The aggressive tone of the Fed’s minutes acts as a counterweight to the optimism expressed by Nvidia’s results. Weight loss from the tech sector is also cooling bullish sentiment in Europe, with Ibex threatening to remain stuck at 11,300 for a fifth day.
The countdown to two of the week’s most anticipated events, Fed minutes and Nvidia results, has seen stock market indices such as Ibex stagnate in recent days. As soon as the two most expected links become known, markets turn in different directions.
Wall Street points up after passing a re-test with flying colors from the biggest member of the artificial intelligence boom. Better-than-expected earnings report with earnings up 628% sent shares higher Nvidia in the after-hours markets, and this bullish momentum ahead of today’s session is visible primarily on the Nasdaq.
In Japan Nikkei, full of technology, reacted this morning with a final increase of 1.26%. On the contrary, in the neighboring ChinaThe fall has at times exceeded the 1% barrier as investors are spooked by a trade offensive in the form of White House tariffs on China and a US election on the horizon.
IN EuropeGiven the tech sector’s much lower weight than Wall Street, investors aren’t ignoring the aggressive messaging reflected yesterday Fed minutes.
Some of its members even proposed additional rate increases. Expectations for a possible Fed rate cut in July are cooling, and the market is reluctant to take for granted the start of a new monetary cycle in September.The scenario of higher interest rates for a longer period of time in the US is gaining momentum again, and some of the market’s attention is shifting to debt interest. The required 10-year US bond yield is consolidating above the 4.40% threshold. In Europe, two weeks before the ECB meeting, the required interest rate on German bonds is repeated at above 2.50%, compared with 3.30%, which is close to 3.30% for ten-year Spanish bonds.
Spanish stock market, stuck for the previous four days, it cannot be unblocked after mentions came to light late yesterday on Wall Street. The Ibex index faces stagnation for another day at 11,300 points, on the verge of highs since 2015.
Companies most sensitive to funding costs are among the laggards on Ibex following the Fed protocol, such as real estate companies. Marlin and utilities such as Endesa, Redeya and Enagas They try to avoid red numbers in their quotes.
Banks, on the other hand, are among those benefiting from the high interest rate scenario for a longer period of time. BBVA trying to gain a foothold above the level of 10 euros per share. Bankinter attacks the eight euro threshold, and Unicaja speeds up your progress.
This day sometimes sees an increase of more than 10% in companies with a continuous market such as Collected techniques. The engineering group is expanding its stock market growth as a reward for goals set in its new strategic plan, which include returning a dividend in 2026 and doubling its performance in 2028.
European shares failed to replicate Wall Street’s bullish momentum led by Nvidia. The technology sector has a much lower weight in European indices, and yesterday’s session included two indicators that could complicate the imminent start of rate cuts. The UK consumer price index was higher than expected, and the Fed minutes postponed debate on rate cuts.

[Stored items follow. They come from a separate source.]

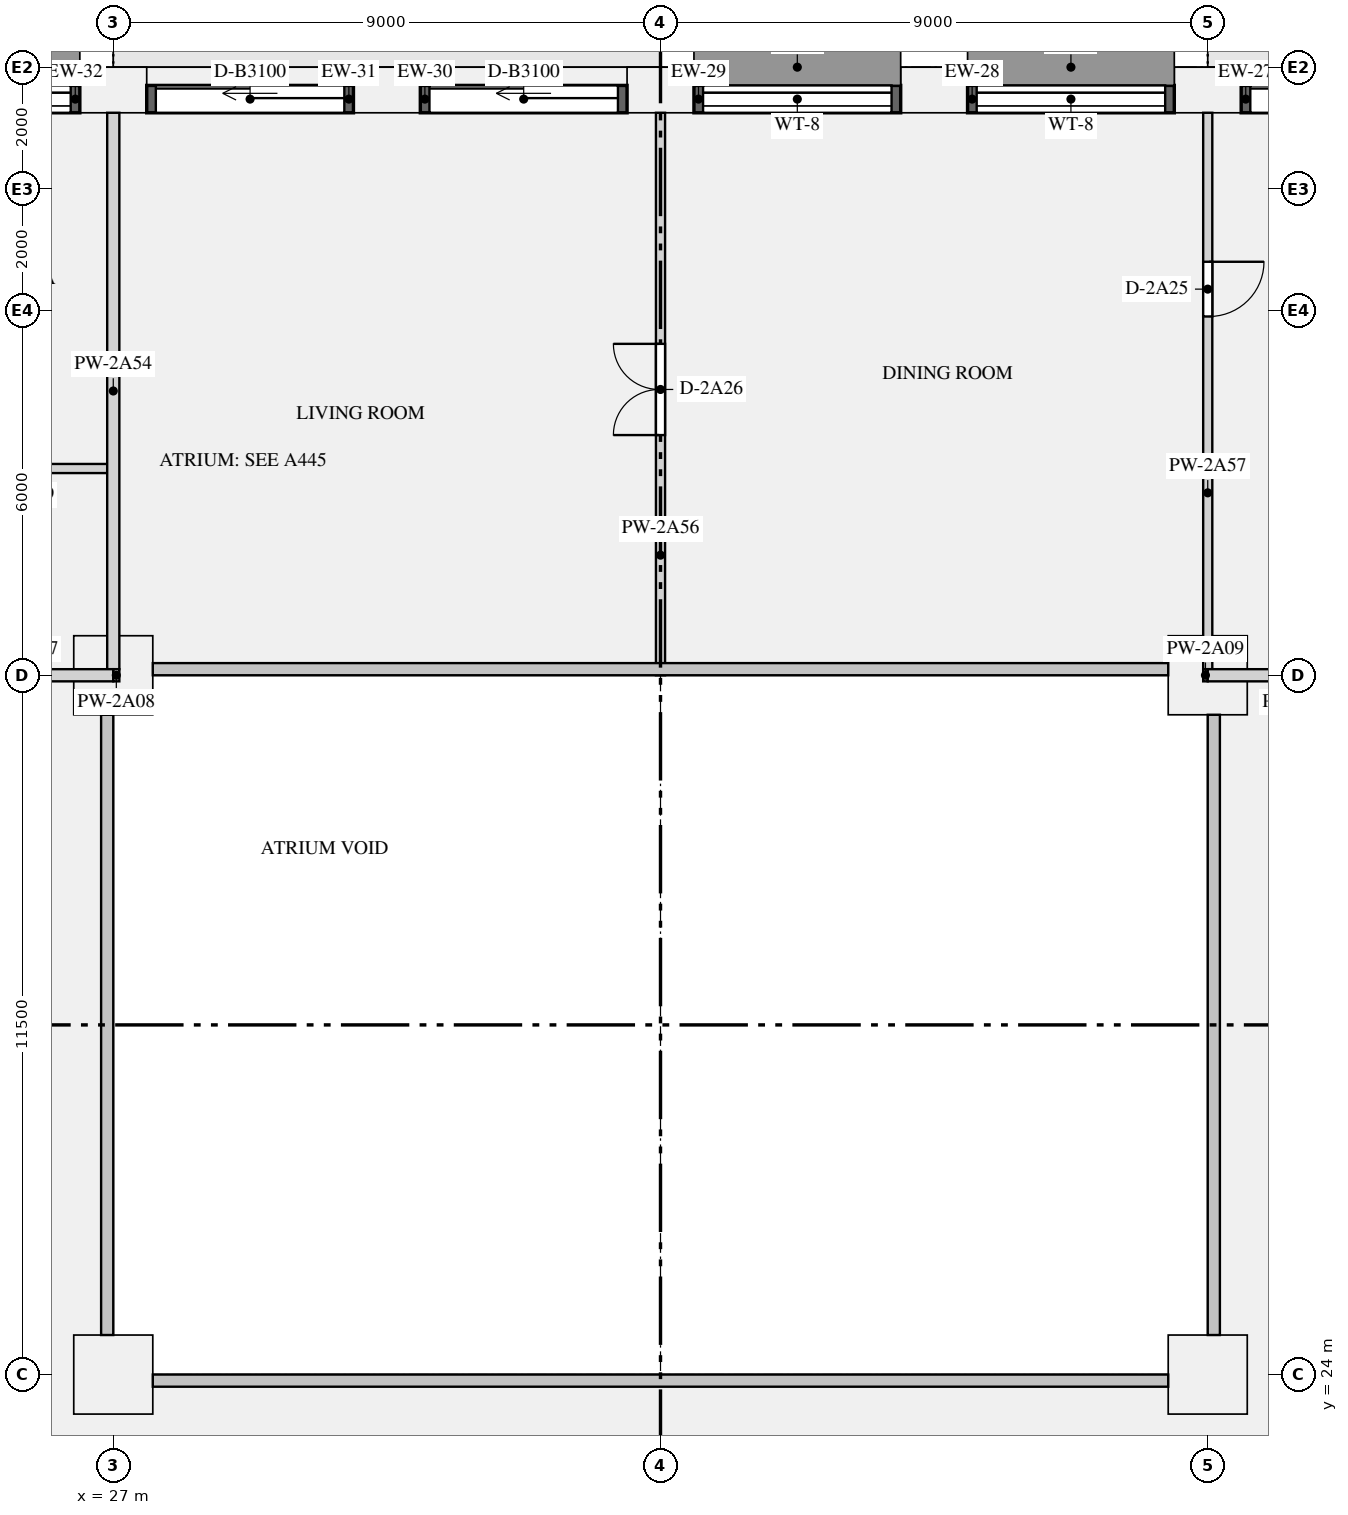
"""IFC4 building model, lengths in metres.
Left out: names, types, materials, properties, quantities, classifications, styles, units other than length and angle.
Written with IfcOpenShell. Run it as: python <this file> out.ifc"""

import sys

from ifc_helpers import new_model, si_unit, direction, frame, frame_2d, origin, origin_2d, place, context, subcontext, project, spatial, rectangle, extrude, element, fill, save


model = new_model("IFC4")
c1 = context("Model", 3, precision=1e-05, world=origin(), true_north=direction((0.0, 1.0)))
c2 = subcontext(c1, "Body", "Model", "MODEL_VIEW")
j1 = project(units=[si_unit("LENGTHUNIT", "METRE"), si_unit("PLANEANGLEUNIT", "RADIAN")], contexts=[c1])
p1 = place(None, origin())
s1 = spatial("IfcSite", under=j1, at=p1, CompositionType="ELEMENT")
p2 = place(p1, origin())
s2 = spatial("IfcBuilding", under=s1, at=p2, CompositionType="ELEMENT")
p3 = place(p2, frame((0.0, 0.0, 83.55)))
s3 = spatial("IfcBuildingStorey", under=s2, at=p3, CompositionType="ELEMENT", Elevation=83.55)
for number, where, z_axis, x_axis in (
    (1, (45.0, 45.125, 0.0), (0.0, 0.0, 1.0), (-1.0, 0.0, 0.0)),
    (2, (40.5, 45.125, 0.0), (0.0, 0.0, 1.0), (-1.0, 0.0, 0.0)),
    (3, (36.0, 45.125, 0.0), (0.0, 0.0, 1.0), (-1.0, 0.0, 0.0)),
    (4, (31.5, 45.125, 0.0), (0.0, 0.0, 1.0), (-1.0, 0.0, 0.0)),
    (5, (27.0, 45.125, 0.0), (0.0, 0.0, 1.0), (-1.0, 0.0, 0.0)),
):
    element("IfcColumn", number, at=place(p3, frame(where, z_axis=z_axis, x_axis=x_axis)), inside=s3, PredefinedType="USERDEFINED", context=c2, shape_type="SweptSolid", body=[
        extrude(rectangle(XDim=1.1, YDim=0.75, at=origin_2d()), origin(), (0.0, 0.0, 1.0), 3.15),
    ])
for number, where, z_axis, x_axis in (
    (6, (27.0, 24.0, 0.0), (0.0, 0.0, 1.0), (1.0, 0.0, 0.0)),
    (7, (45.0, 24.0, 0.0), (0.0, 0.0, 1.0), (1.0, 0.0, 0.0)),
    (8, (27.0, 35.5, 0.0), (0.0, 0.0, 1.0), (1.0, 0.0, 0.0)),
    (9, (45.0, 35.5, 0.0), (0.0, 0.0, 1.0), (1.0, 0.0, 0.0)),
):
    element("IfcColumn", number, at=place(p3, frame(where, z_axis=z_axis, x_axis=x_axis)), inside=s3, PredefinedType="COLUMN", context=c2, shape_type="SweptSolid", body=[
        extrude(rectangle(XDim=1.3, YDim=1.3, at=origin_2d()), origin(), (0.0, 0.0, 1.0), 3.15),
    ])
p4 = place(p3, frame((48.95, 44.975, 0.0), z_axis=(0.0, 0.0, 1.0), x_axis=(-1.0, 0.0, 0.0)))
e10 = element("IfcWall", 10, at=p4, inside=s3, PredefinedType="SOLIDWALL", context=c2, shape_type="SweptSolid", body=[
    extrude(rectangle(XDim=3.4, YDim=0.45, at=frame_2d((1.7, 0.0))), origin(), (0.0, 0.0, 1.0), 2.83),
])
p5 = place(p4, frame((0.15, 0.0, 0.0)))
e11 = element("IfcOpeningElement", 11, at=p5, cuts=e10, PredefinedType="OPENING", context=c2, shape_type="SweptSolid", body=[
    extrude(rectangle(XDim=3.1, YDim=2.3, at=frame_2d((1.55, 1.15))), frame((0.0, 0.235, 0.0), z_axis=(0.0, -1.0, 0.0), x_axis=(1.0, 0.0, 0.0)), (0.0, 0.0, 1.0), 0.47),
])
p6 = place(p3, frame((44.45, 44.975, 0.9), z_axis=(0.0, 0.0, 1.0), x_axis=(-1.0, 0.0, 0.0)))
e12 = element("IfcWall", 12, at=p6, inside=s3, PredefinedType="SOLIDWALL", context=c2, shape_type="SweptSolid", body=[
    extrude(rectangle(XDim=3.4, YDim=0.45, at=frame_2d((1.7, 0.0))), origin(), (0.0, 0.0, 1.0), 1.93),
])
p7 = place(p6, frame((0.15, 0.0, 0.15)))
e13 = element("IfcOpeningElement", 13, at=p7, cuts=e12, PredefinedType="OPENING", context=c2, shape_type="SweptSolid", body=[
    extrude(rectangle(XDim=3.1, YDim=1.5, at=frame_2d((1.55, 0.75))), frame((0.0, 0.235, 0.0), z_axis=(0.0, -1.0, 0.0), x_axis=(1.0, 0.0, 0.0)), (0.0, 0.0, 1.0), 0.47),
])
p8 = place(p3, frame((39.95, 44.975, 0.9), z_axis=(0.0, 0.0, 1.0), x_axis=(-1.0, 0.0, 0.0)))
e14 = element("IfcWall", 14, at=p8, inside=s3, PredefinedType="SOLIDWALL", context=c2, shape_type="SweptSolid", body=[
    extrude(rectangle(XDim=3.4, YDim=0.45, at=frame_2d((1.7, 0.0))), origin(), (0.0, 0.0, 1.0), 1.93),
])
p9 = place(p8, frame((0.15, 0.0, 0.15)))
e15 = element("IfcOpeningElement", 15, at=p9, cuts=e14, PredefinedType="OPENING", context=c2, shape_type="SweptSolid", body=[
    extrude(rectangle(XDim=3.1, YDim=1.5, at=frame_2d((1.55, 0.75))), frame((0.0, 0.235, 0.0), z_axis=(0.0, -1.0, 0.0), x_axis=(1.0, 0.0, 0.0)), (0.0, 0.0, 1.0), 0.47),
])
p10 = place(p3, frame((35.45, 44.975, 0.0), z_axis=(0.0, 0.0, 1.0), x_axis=(-1.0, 0.0, 0.0)))
e16 = element("IfcWall", 16, at=p10, inside=s3, PredefinedType="SOLIDWALL", context=c2, shape_type="SweptSolid", body=[
    extrude(rectangle(XDim=3.4, YDim=0.45, at=frame_2d((1.7, 0.0))), origin(), (0.0, 0.0, 1.0), 2.83),
])
p11 = place(p10, frame((0.15, 0.0, 0.0)))
e17 = element("IfcOpeningElement", 17, at=p11, cuts=e16, PredefinedType="OPENING", context=c2, shape_type="SweptSolid", body=[
    extrude(rectangle(XDim=3.1, YDim=2.3, at=frame_2d((1.55, 1.15))), frame((0.0, 0.235, 0.0), z_axis=(0.0, -1.0, 0.0), x_axis=(1.0, 0.0, 0.0)), (0.0, 0.0, 1.0), 0.47),
])
p12 = place(p3, frame((30.95, 44.975, 0.0), z_axis=(0.0, 0.0, 1.0), x_axis=(-1.0, 0.0, 0.0)))
e18 = element("IfcWall", 18, at=p12, inside=s3, PredefinedType="SOLIDWALL", context=c2, shape_type="SweptSolid", body=[
    extrude(rectangle(XDim=3.4, YDim=0.45, at=frame_2d((1.7, 0.0))), origin(), (0.0, 0.0, 1.0), 2.83),
])
p13 = place(p12, frame((0.15, 0.0, 0.0)))
e19 = element("IfcOpeningElement", 19, at=p13, cuts=e18, PredefinedType="OPENING", context=c2, shape_type="SweptSolid", body=[
    extrude(rectangle(XDim=3.1, YDim=2.3, at=frame_2d((1.55, 1.15))), frame((0.0, 0.235, 0.0), z_axis=(0.0, -1.0, 0.0), x_axis=(1.0, 0.0, 0.0)), (0.0, 0.0, 1.0), 0.47),
])
p14 = place(p3, frame((26.45, 44.975, 0.9), z_axis=(0.0, 0.0, 1.0), x_axis=(-1.0, 0.0, 0.0)))
e20 = element("IfcWall", 20, at=p14, inside=s3, PredefinedType="SOLIDWALL", context=c2, shape_type="SweptSolid", body=[
    extrude(rectangle(XDim=3.4, YDim=0.45, at=frame_2d((1.7, 0.0))), origin(), (0.0, 0.0, 1.0), 1.93),
])
p15 = place(p14, frame((0.15, 0.0, 0.15)))
e21 = element("IfcOpeningElement", 21, at=p15, cuts=e20, PredefinedType="OPENING", context=c2, shape_type="SweptSolid", body=[
    extrude(rectangle(XDim=3.1, YDim=1.5, at=frame_2d((1.55, 0.75))), frame((0.0, 0.235, 0.0), z_axis=(0.0, -1.0, 0.0), x_axis=(1.0, 0.0, 0.0)), (0.0, 0.0, 1.0), 0.47),
])
p16 = place(p3, frame((23.9, 35.5, 0.0), z_axis=(0.0, 0.0, 1.0), x_axis=(1.0, 0.0, 0.0)))
e22 = element("IfcWall", 22, at=p16, inside=s3, PredefinedType="PARTITIONING", context=c2, shape_type="SweptSolid", body=[
    extrude(rectangle(XDim=3.1, YDim=0.2, at=frame_2d((1.55, 0.0))), origin(), (0.0, 0.0, 1.0), 2.83),
])
p17 = place(p3, frame((27.0, 35.5, 0.0), z_axis=(0.0, 0.0, 1.0), x_axis=(1.0, 0.0, 0.0)))
e23 = element("IfcWall", 23, at=p17, inside=s3, PredefinedType="PARTITIONING", context=c2, shape_type="SweptSolid", body=[
    extrude(rectangle(XDim=0.1, YDim=0.2, at=frame_2d((0.05, 0.0))), origin(), (0.0, 0.0, 1.0), 2.83),
])
p18 = place(p3, frame((44.925, 35.5, 0.0), z_axis=(0.0, 0.0, 1.0), x_axis=(1.0, 0.0, 0.0)))
e24 = element("IfcWall", 24, at=p18, inside=s3, PredefinedType="PARTITIONING", context=c2, shape_type="SweptSolid", body=[
    extrude(rectangle(XDim=0.075, YDim=0.2, at=frame_2d((0.038, 0.0))), origin(), (0.0, 0.0, 1.0), 2.83),
])
p19 = place(p3, frame((45.0, 35.5, 0.0), z_axis=(0.0, 0.0, 1.0), x_axis=(1.0, 0.0, 0.0)))
e25 = element("IfcWall", 25, at=p19, inside=s3, PredefinedType="PARTITIONING", context=c2, shape_type="SweptSolid", body=[
    extrude(rectangle(XDim=3.075, YDim=0.2, at=frame_2d((1.538, 0.0))), origin(), (0.0, 0.0, 1.0), 2.83),
])
p20 = place(p3, frame((12.125, 38.9, 0.0), z_axis=(0.0, 0.0, 1.0), x_axis=(1.0, 0.0, 0.0)))
e26 = element("IfcWall", 26, at=p20, inside=s3, PredefinedType="PARTITIONING", context=c2, shape_type="SweptSolid", body=[
    extrude(rectangle(XDim=14.775, YDim=0.15, at=frame_2d((7.387, 0.0))), origin(), (0.0, 0.0, 1.0), 2.83),
])
p21 = place(p20, frame((3.175, 0.0, 0.0)))
e27 = element("IfcOpeningElement", 27, at=p21, cuts=e26, PredefinedType="OPENING", context=c2, shape_type="SweptSolid", body=[
    extrude(rectangle(XDim=0.9, YDim=2.1, at=frame_2d((0.45, 1.05))), frame((0.0, 0.085, 0.0), z_axis=(0.0, -1.0, 0.0), x_axis=(1.0, 0.0, 0.0)), (0.0, 0.0, 1.0), 0.17),
])
p22 = place(p20, frame((12.925, 0.0, 0.0)))
e28 = element("IfcOpeningElement", 28, at=p22, cuts=e26, PredefinedType="OPENING", context=c2, shape_type="SweptSolid", body=[
    extrude(rectangle(XDim=0.9, YDim=2.1, at=frame_2d((0.45, 1.05))), frame((0.0, 0.085, 0.0), z_axis=(0.0, -1.0, 0.0), x_axis=(1.0, 0.0, 0.0)), (0.0, 0.0, 1.0), 0.17),
])
p23 = place(p3, frame((27.0, 35.6, 0.0), z_axis=(0.0, 0.0, 1.0), x_axis=(0.0, 1.0, 0.0)))
e29 = element("IfcWall", 29, at=p23, inside=s3, PredefinedType="PARTITIONING", context=c2, shape_type="SweptSolid", body=[
    extrude(rectangle(XDim=9.15, YDim=0.2, at=frame_2d((4.575, 0.0))), origin(), (0.0, 0.0, 1.0), 2.83),
])
p24 = place(p3, frame((36.0, 35.5, 0.0), z_axis=(0.0, 0.0, 1.0), x_axis=(0.0, 1.0, 0.0)))
e30 = element("IfcWall", 30, at=p24, inside=s3, PredefinedType="PARTITIONING", context=c2, shape_type="SweptSolid", body=[
    extrude(rectangle(XDim=9.25, YDim=0.15, at=frame_2d((4.625, 0.0))), origin(), (0.0, 0.0, 1.0), 2.83),
])
p25 = place(p24, frame((3.95, 0.0, 0.0)))
e31 = element("IfcOpeningElement", 31, at=p25, cuts=e30, PredefinedType="OPENING", context=c2, shape_type="SweptSolid", body=[
    extrude(rectangle(XDim=1.5, YDim=2.1, at=frame_2d((0.75, 1.05))), frame((0.0, 0.085, 0.0), z_axis=(0.0, -1.0, 0.0), x_axis=(1.0, 0.0, 0.0)), (0.0, 0.0, 1.0), 0.17),
])
p26 = place(p3, frame((45.0, 35.6, 0.0), z_axis=(0.0, 0.0, 1.0), x_axis=(0.0, 1.0, 0.0)))
e32 = element("IfcWall", 32, at=p26, inside=s3, PredefinedType="PARTITIONING", context=c2, shape_type="SweptSolid", body=[
    extrude(rectangle(XDim=9.15, YDim=0.15, at=frame_2d((4.575, 0.0))), origin(), (0.0, 0.0, 1.0), 2.83),
])
p27 = place(p26, frame((5.8, 0.0, 0.0)))
e33 = element("IfcOpeningElement", 33, at=p27, cuts=e32, PredefinedType="OPENING", context=c2, shape_type="SweptSolid", body=[
    extrude(rectangle(XDim=0.9, YDim=2.1, at=frame_2d((0.45, 1.05))), frame((0.0, 0.085, 0.0), z_axis=(0.0, -1.0, 0.0), x_axis=(1.0, 0.0, 0.0)), (0.0, 0.0, 1.0), 0.17),
])
p28 = place(p5, origin())
e34 = element("IfcDoor", 34, at=p28, inside=s3, OperationType="SLIDING_TO_LEFT", PredefinedType="DOOR", context=c2, shape_type="SweptSolid", body=[
    extrude(rectangle(XDim=3.1, YDim=2.3, at=frame_2d((1.55, 1.15))), frame((0.0, -0.07, 0.0), z_axis=(0.0, -1.0, 0.0), x_axis=(1.0, 0.0, 0.0)), (0.0, 0.0, 1.0), 0.05),
])
fill(e11, e34)
p29 = place(p7, origin())
e35 = element("IfcWindow", 35, at=p29, inside=s3, PartitioningType="SINGLE_PANEL", PredefinedType="WINDOW", context=c2, shape_type="SweptSolid", body=[
    extrude(rectangle(XDim=3.1, YDim=1.5, at=frame_2d((1.55, 0.75))), frame((0.0, -0.065, 0.0), z_axis=(0.0, -1.0, 0.0), x_axis=(1.0, 0.0, 0.0)), (0.0, 0.0, 1.0), 0.06),
])
fill(e13, e35)
p30 = place(p9, origin())
e36 = element("IfcWindow", 36, at=p30, inside=s3, PartitioningType="SINGLE_PANEL", PredefinedType="WINDOW", context=c2, shape_type="SweptSolid", body=[
    extrude(rectangle(XDim=3.1, YDim=1.5, at=frame_2d((1.55, 0.75))), frame((0.0, -0.065, 0.0), z_axis=(0.0, -1.0, 0.0), x_axis=(1.0, 0.0, 0.0)), (0.0, 0.0, 1.0), 0.06),
])
fill(e15, e36)
p31 = place(p11, origin())
e37 = element("IfcDoor", 37, at=p31, inside=s3, OperationType="SLIDING_TO_LEFT", PredefinedType="DOOR", context=c2, shape_type="SweptSolid", body=[
    extrude(rectangle(XDim=3.1, YDim=2.3, at=frame_2d((1.55, 1.15))), frame((0.0, -0.07, 0.0), z_axis=(0.0, -1.0, 0.0), x_axis=(1.0, 0.0, 0.0)), (0.0, 0.0, 1.0), 0.05),
])
fill(e17, e37)
p32 = place(p13, origin())
e38 = element("IfcDoor", 38, at=p32, inside=s3, OperationType="SLIDING_TO_LEFT", PredefinedType="DOOR", context=c2, shape_type="SweptSolid", body=[
    extrude(rectangle(XDim=3.1, YDim=2.3, at=frame_2d((1.55, 1.15))), frame((0.0, -0.07, 0.0), z_axis=(0.0, -1.0, 0.0), x_axis=(1.0, 0.0, 0.0)), (0.0, 0.0, 1.0), 0.05),
])
fill(e19, e38)
p33 = place(p15, origin())
e39 = element("IfcWindow", 39, at=p33, inside=s3, PartitioningType="SINGLE_PANEL", PredefinedType="WINDOW", context=c2, shape_type="SweptSolid", body=[
    extrude(rectangle(XDim=3.1, YDim=1.5, at=frame_2d((1.55, 0.75))), frame((0.0, -0.065, 0.0), z_axis=(0.0, -1.0, 0.0), x_axis=(1.0, 0.0, 0.0)), (0.0, 0.0, 1.0), 0.06),
])
fill(e21, e39)
p34 = place(p27, frame((0.9, 0.0, 0.0), z_axis=(0.0, 0.0, 1.0), x_axis=(-1.0, 0.0, 0.0)))
e40 = element("IfcDoor", 40, at=p34, inside=s3, OperationType="SINGLE_SWING_LEFT", PredefinedType="DOOR", context=c2, shape_type="SweptSolid", body=[
    extrude(rectangle(XDim=0.9, YDim=2.1, at=frame_2d((0.45, 1.05))), frame((0.0, 0.025, 0.0), z_axis=(0.0, -1.0, 0.0), x_axis=(1.0, 0.0, 0.0)), (0.0, 0.0, 1.0), 0.05),
])
fill(e33, e40)
p35 = place(p25, origin())
e41 = element("IfcDoor", 41, at=p35, inside=s3, OperationType="DOUBLE_DOOR_SINGLE_SWING", PredefinedType="DOOR", context=c2, shape_type="SweptSolid", body=[
    extrude(rectangle(XDim=1.5, YDim=2.1, at=frame_2d((0.75, 1.05))), frame((0.0, 0.025, 0.0), z_axis=(0.0, -1.0, 0.0), x_axis=(1.0, 0.0, 0.0)), (0.0, 0.0, 1.0), 0.05),
])
fill(e31, e41)
save(model, sys.argv[1])

The pan-European Stoxx 600 index repeats another day just above 520 points.
European tech companies, and semiconductor manufacturers in particular, are riding the bullish wave that Nvidia is once again generating. Values like ASML, Infineon and STMicroelectronics they quote with a raise. Without the need for significant growth, bullish momentum is weighing heavily in European stocks such as Nordisk reach new historical records in the stock market. An Italian construction company experienced one of the largest corrections of the day. We are building. Its shares have fallen almost 10% at times in response to the issuance of convertible notes.
Companies with the largest market presence Oil accumulate a week of boring references to crude oil prices. The price of a barrel of Brent opens the door to a fourth straight session of decline. The Fed’s resistance to the start of rate cuts could affect demand for crude oil, with a barrel of Brent falling to $81. In the US, a West Texas barrel costs $77.
Oil also does not benefit from bullish threats dollar. There are two weeks left before the ECB meeting. Euro The airbag fell above the $1.08 level. lb.for its part, consolidates the gains achieved yesterday with the help of the British consumer price index and after it became known about the progress in the elections in the United Kingdom.
One of the biggest victims of the aggressive tone of the Fed minutes was gold. The precious metal is moving away from historical records and falling to $2,360 per ounce. The cryptocurrency market offers more resistance today as bitcoin on the verge of $70,000 and aiming for Ethereum.